TBH, I love the look of cubes but I would prefer a 36"x36" if I could lol. There's a guy on AP trying to sell a 24x24x20T tank for quite awhile now.


----------



## ameekplec. (May 1, 2008)

I think cube or square tanks are nice, but like peninsula tanks, it really needs to be in the right space to look it's best, IMO.

Haha, yes the vacation - you could consolidate to one big tank of the same total volume


----------



## Kweli (Jun 2, 2010)

Im a fan of thin and long tanks....

Something like a 48 or 72" by 12-16" deep, and 12-16" high.

So much easier to work on the corals and aquascaping... gives you more sand...

I have a 20x20x20 and not liking how wet i get when i have to do maintence at the bottom. Could only imagine how it is for people with 20+ inch high tanks


----------



## gucci17 (Oct 11, 2007)

ameekplec. said:


> I think cube or square tanks are nice, but like peninsula tanks, it really needs to be in the right space to look it's best, IMO.
> 
> Haha, yes the vacation - you could consolidate to one big tank of the same total volume


Very true, which is why I didn't go with a cube due to the location the tank has to be in. 



Kweli said:


> Im a fan of thin and long tanks....
> 
> Something like a 48 or 72" by 12-16" deep, and 12-16" high.
> 
> ...


You're right, it does suck to have to do maintenance on tall tanks. But getting wet comes hand in hand with the hobby!


----------



## Fish_Man (Apr 9, 2010)

So I'm sold on the long tank but now do you guys and girls have an open top tank with a mounting light or a lid with the mounting light.


----------



## Big Ray (Dec 8, 2009)

Open top for me ... its the preferred method for reef and salt water as it allows more gas exchange.


----------



## shiver905 (Nov 2, 2010)

Try your best to not lid a reef- if thats where your heading,


I actually have my little reef tank which fits your measurments for sale.

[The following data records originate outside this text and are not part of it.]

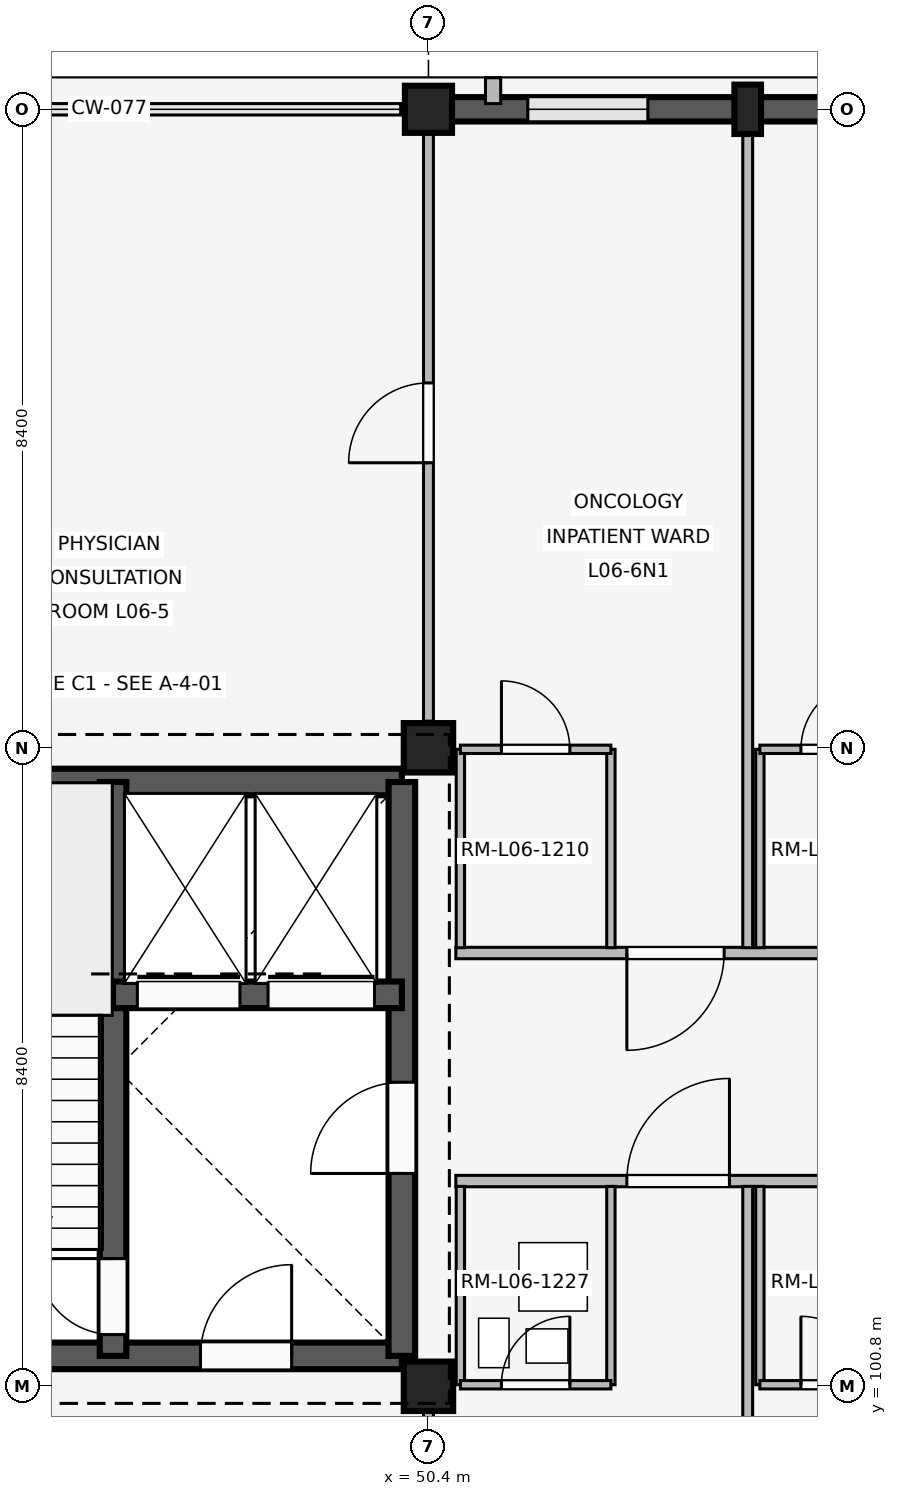
"""IFC4 building model, lengths in metres.
Left out: names, types, materials, properties, quantities, classifications, styles, units other than length and angle.
Written with IfcOpenShell. Run it as: python <this file> out.ifc"""

import sys

from ifc_helpers import new_model, si_unit, direction, frame, frame_2d, origin, origin_2d, place, context, subcontext, project, spatial, rectangle, extrude, element, fill, save


model = new_model("IFC4")
c1 = context("Model", 3, precision=1e-05, world=origin(), true_north=direction((0.0, 1.0)))
c2 = subcontext(c1, "Body", "Model", "MODEL_VIEW")
j1 = project(units=[si_unit("LENGTHUNIT", "METRE"), si_unit("PLANEANGLEUNIT", "RADIAN")], contexts=[c1])
p1 = place(None, origin())
s1 = spatial("IfcSite", under=j1, at=p1, CompositionType="ELEMENT")
p2 = place(p1, origin())
s2 = spatial("IfcBuilding", under=s1, at=p2, CompositionType="ELEMENT")
p3 = place(p2, frame((0.0, 0.0, 24.6)))
s3 = spatial("IfcBuildingStorey", under=s2, at=p3, CompositionType="ELEMENT", Elevation=24.6)
for number, where, z_axis, x_axis in (
    (1, (50.4, 100.8, 0.0), (0.0, 0.0, 1.0), (1.0, 0.0, 0.0)),
    (2, (50.4, 109.2, 0.0), (0.0, 0.0, 1.0), (1.0, 0.0, 0.0)),
):
    element("IfcColumn", number, at=place(p3, frame(where, z_axis=z_axis, x_axis=x_axis)), inside=s3, PredefinedType="COLUMN", context=c2, shape_type="SweptSolid", body=[
        extrude(rectangle(XDim=0.65, YDim=0.65, at=origin_2d()), origin(), (0.0, 0.0, 1.0), 4.2),
    ])
p4 = place(p3, frame((50.4, 117.6, 0.0), z_axis=(0.0, 0.0, 1.0), x_axis=(1.0, 0.0, 0.0)))
e3 = element("IfcColumn", 3, at=p4, inside=s3, PredefinedType="COLUMN", context=c2, shape_type="SweptSolid", body=[
    extrude(rectangle(XDim=0.62, YDim=0.62, at=origin_2d()), origin(), (0.0, 0.0, 1.0), 4.2),
])
p5 = place(p3, frame((54.6, 117.6, 0.0), z_axis=(0.0, 0.0, 1.0), x_axis=(1.0, 0.0, 0.0)))
e4 = element("IfcColumn", 4, at=p5, inside=s3, PredefinedType="PILASTER", context=c2, shape_type="SweptSolid", body=[
    extrude(rectangle(XDim=0.35, YDim=0.65, at=origin_2d()), origin(), (0.0, 0.0, 1.0), 4.2),
])
p6 = place(p3, frame((50.705, 117.6, 0.0), z_axis=(0.0, 0.0, 1.0), x_axis=(1.0, 0.0, 0.0)))
e5 = element("IfcWall", 5, at=p6, inside=s3, PredefinedType="SOLIDWALL", context=c2, shape_type="SweptSolid", body=[
    extrude(rectangle(XDim=7.79, YDim=0.32, at=frame_2d((3.895, 0.0))), origin(), (0.0, 0.0, 1.0), 3.34),
])
p7 = place(p6, frame((1.002, 0.0, 0.85)))
e6 = element("IfcOpeningElement", 6, at=p7, cuts=e5, PredefinedType="OPENING", context=c2, shape_type="SweptSolid", body=[
    extrude(rectangle(XDim=1.58, YDim=1.7, at=frame_2d((0.79, 0.85))), frame((0.0, 0.17, 0.0), z_axis=(0.0, -1.0, 0.0), x_axis=(1.0, 0.0, 0.0)), (0.0, 0.0, 1.0), 0.34),
])
p8 = place(p6, frame((5.208, 0.0, 0.85)))
e7 = element("IfcOpeningElement", 7, at=p8, cuts=e5, PredefinedType="OPENING", context=c2, shape_type="SweptSolid", body=[
    extrude(rectangle(XDim=1.58, YDim=1.7, at=frame_2d((0.79, 0.85))), frame((0.0, 0.17, 0.0), z_axis=(0.0, -1.0, 0.0), x_axis=(1.0, 0.0, 0.0)), (0.0, 0.0, 1.0), 0.34),
])
p9 = place(p3, frame((51.25, 117.675, 0.0), z_axis=(0.0, 0.0, 1.0), x_axis=(0.0, 1.0, 0.0)))
e8 = element("IfcWall", 8, at=p9, inside=s3, PredefinedType="ELEMENTEDWALL", context=c2, shape_type="SweptSolid", body=[
    extrude(rectangle(XDim=0.34, YDim=0.2, at=frame_2d((0.17, 0.0))), origin(), (0.0, 0.0, 1.0), 3.32),
])
p10 = place(p3, frame((42.55, 101.2, 0.0), z_axis=(0.0, 0.0, 1.0), x_axis=(1.0, 0.0, 0.0)))
e9 = element("IfcWall", 9, at=p10, inside=s3, PredefinedType="SHEAR", context=c2, shape_type="SweptSolid", body=[
    extrude(rectangle(XDim=7.5, YDim=0.35, at=frame_2d((3.75, 0.0))), origin(), (0.0, 0.0, 1.0), 3.92),
])
p11 = place(p10, frame((4.85, 0.0, 0.0)))
e10 = element("IfcOpeningElement", 10, at=p11, cuts=e9, PredefinedType="OPENING", context=c2, shape_type="SweptSolid", body=[
    extrude(rectangle(XDim=1.2, YDim=2.2, at=frame_2d((0.6, 1.1))), frame((0.0, 0.185, 0.0), z_axis=(0.0, -1.0, 0.0), x_axis=(1.0, 0.0, 0.0)), (0.0, 0.0, 1.0), 0.37),
])
p12 = place(p3, frame((42.55, 108.75, 0.0), z_axis=(0.0, 0.0, 1.0), x_axis=(1.0, 0.0, 0.0)))
e11 = element("IfcWall", 11, at=p12, inside=s3, PredefinedType="SHEAR", context=c2, shape_type="SweptSolid", body=[
    extrude(rectangle(XDim=7.5, YDim=0.35, at=frame_2d((3.75, 0.0))), origin(), (0.0, 0.0, 1.0), 3.92),
])
p13 = place(p3, frame((50.05, 101.2, 0.0), z_axis=(0.0, 0.0, 1.0), x_axis=(0.0, 1.0, 0.0)))
e12 = element("IfcWall", 12, at=p13, inside=s3, PredefinedType="SHEAR", context=c2, shape_type="SweptSolid", body=[
    extrude(rectangle(XDim=7.55, YDim=0.35, at=frame_2d((3.775, 0.0))), origin(), (0.0, 0.0, 1.0), 3.92),
])
p14 = place(p13, frame((2.4, 0.0, 0.0)))
e13 = element("IfcOpeningElement", 13, at=p14, cuts=e12, PredefinedType="OPENING", context=c2, shape_type="SweptSolid", body=[
    extrude(rectangle(XDim=1.2, YDim=2.2, at=frame_2d((0.6, 1.1))), frame((0.0, 0.185, 0.0), z_axis=(0.0, -1.0, 0.0), x_axis=(1.0, 0.0, 0.0)), (0.0, 0.0, 1.0), 0.37),
])
p15 = place(p3, frame((46.25, 101.2, 0.0), z_axis=(0.0, 0.0, 1.0), x_axis=(0.0, 1.0, 0.0)))
e14 = element("IfcWall", 14, at=p15, inside=s3, PredefinedType="SHEAR", context=c2, shape_type="SweptSolid", body=[
    extrude(rectangle(XDim=7.55, YDim=0.35, at=frame_2d((3.775, 0.0))), origin(), (0.0, 0.0, 1.0), 3.92),
])
p16 = place(p15, frame((0.28, 0.0, 0.0)))
e15 = element("IfcOpeningElement", 15, at=p16, cuts=e14, PredefinedType="OPENING", context=c2, shape_type="SweptSolid", body=[
    extrude(rectangle(XDim=1.0, YDim=2.15, at=frame_2d((0.5, 1.075))), frame((0.0, 0.185, 0.0), z_axis=(0.0, -1.0, 0.0), x_axis=(1.0, 0.0, 0.0)), (0.0, 0.0, 1.0), 0.37),
])
p17 = place(p3, frame((46.25, 105.95, 0.0), z_axis=(0.0, 0.0, 1.0), x_axis=(1.0, 0.0, 0.0)))
e16 = element("IfcWall", 16, at=p17, inside=s3, PredefinedType="SHEAR", context=c2, shape_type="SweptSolid", body=[
    extrude(rectangle(XDim=3.8, YDim=0.35, at=frame_2d((1.9, 0.0))), origin(), (0.0, 0.0, 1.0), 3.92),
])
p18 = place(p17, frame((0.32, 0.0, 0.0)))
e17 = element("IfcOpeningElement", 17, at=p18, cuts=e16, PredefinedType="OPENING", context=c2, shape_type="SweptSolid", body=[
    extrude(rectangle(XDim=1.35, YDim=2.25, at=frame_2d((0.675, 1.125))), frame((0.0, 0.185, 0.0), z_axis=(0.0, -1.0, 0.0), x_axis=(1.0, 0.0, 0.0)), (0.0, 0.0, 1.0), 0.37),
])
p19 = place(p17, frame((2.04, 0.0, 0.0)))
e18 = element("IfcOpeningElement", 18, at=p19, cuts=e16, PredefinedType="OPENING", context=c2, shape_type="SweptSolid", body=[
    extrude(rectangle(XDim=1.4, YDim=2.25, at=frame_2d((0.7, 1.125))), frame((0.0, 0.185, 0.0), z_axis=(0.0, -1.0, 0.0), x_axis=(1.0, 0.0, 0.0)), (0.0, 0.0, 1.0), 0.37),
])
p20 = place(p3, frame((50.4, 92.54, 0.0), z_axis=(0.0, 0.0, 1.0), x_axis=(0.0, 1.0, 0.0)))
e19 = element("IfcWall", 19, at=p20, inside=s3, PredefinedType="PARTITIONING", context=c2, shape_type="SweptSolid", body=[
    extrude(rectangle(XDim=8.21, YDim=0.13, at=frame_2d((4.105, 0.0))), origin(), (0.0, 0.0, 1.0), 3.32),
])
p21 = place(p20, frame((3.64, 0.0, 0.0)))
e20 = element("IfcOpeningElement", 20, at=p21, cuts=e19, PredefinedType="OPENING", context=c2, shape_type="SweptSolid", body=[
    extrude(rectangle(XDim=1.08, YDim=2.15, at=frame_2d((0.54, 1.075))), frame((0.0, 0.075, 0.0), z_axis=(0.0, -1.0, 0.0), x_axis=(1.0, 0.0, 0.0)), (0.0, 0.0, 1.0), 0.15),
])
p22 = place(p3, frame((50.4, 109.55, 0.0), z_axis=(0.0, 0.0, 1.0), x_axis=(0.0, 1.0, 0.0)))
e21 = element("IfcWall", 21, at=p22, inside=s3, PredefinedType="PARTITIONING", context=c2, shape_type="SweptSolid", body=[
    extrude(rectangle(XDim=7.91, YDim=0.13, at=frame_2d((3.955, 0.0))), origin(), (0.0, 0.0, 1.0), 3.32),
])
p23 = place(p22, frame((3.4, 0.0, 0.0)))
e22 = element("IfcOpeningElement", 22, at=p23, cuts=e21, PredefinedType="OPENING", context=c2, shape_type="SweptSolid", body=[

Its a great little tank, great dimention,

its a 33long aga-

if not mine, Id still drop by the store and look at a 33g long.

40b are nice also, but the trim is way to think on them.


----------



## Fish_Man (Apr 9, 2010)

shiver905 said:


> Try your best to not lid a reef- if thats where your heading,
> 
> I actually have my little reef tank which fits your measurments for sale.
> 
> ...


I like your tank but you're too far for me to pick it up


----------



## gucci17 (Oct 11, 2007)

Fish_Man said:


> I like your tank but you're too far for me to pick it up


It's definitely a very good deal. Best part is it's drilled w/ overflow ready to go. Worth the drive in my opinion if you're looking for a tank that size.


----------



## bigfishy (Jun 19, 2009)

Fish_Man said:


> I like your tank but you're too far for me to pick it up


Ask Matt (matti2uude)'s mom to pick it up for you, if I recall it correctly, she is in Hamilton at the moment



http://gtaaquaria.com/forum/showthread.php?t=18650

(3rd post)


----------



## Fish_Man (Apr 9, 2010)

bigfishy said:


> Ask Matt (matti2uude)'s mom to pick it up for you, if I recall it correctly, she is in Hamilton at the moment
> 
> 
> 
> ...


Ah you are right Alex!

Thanks


----------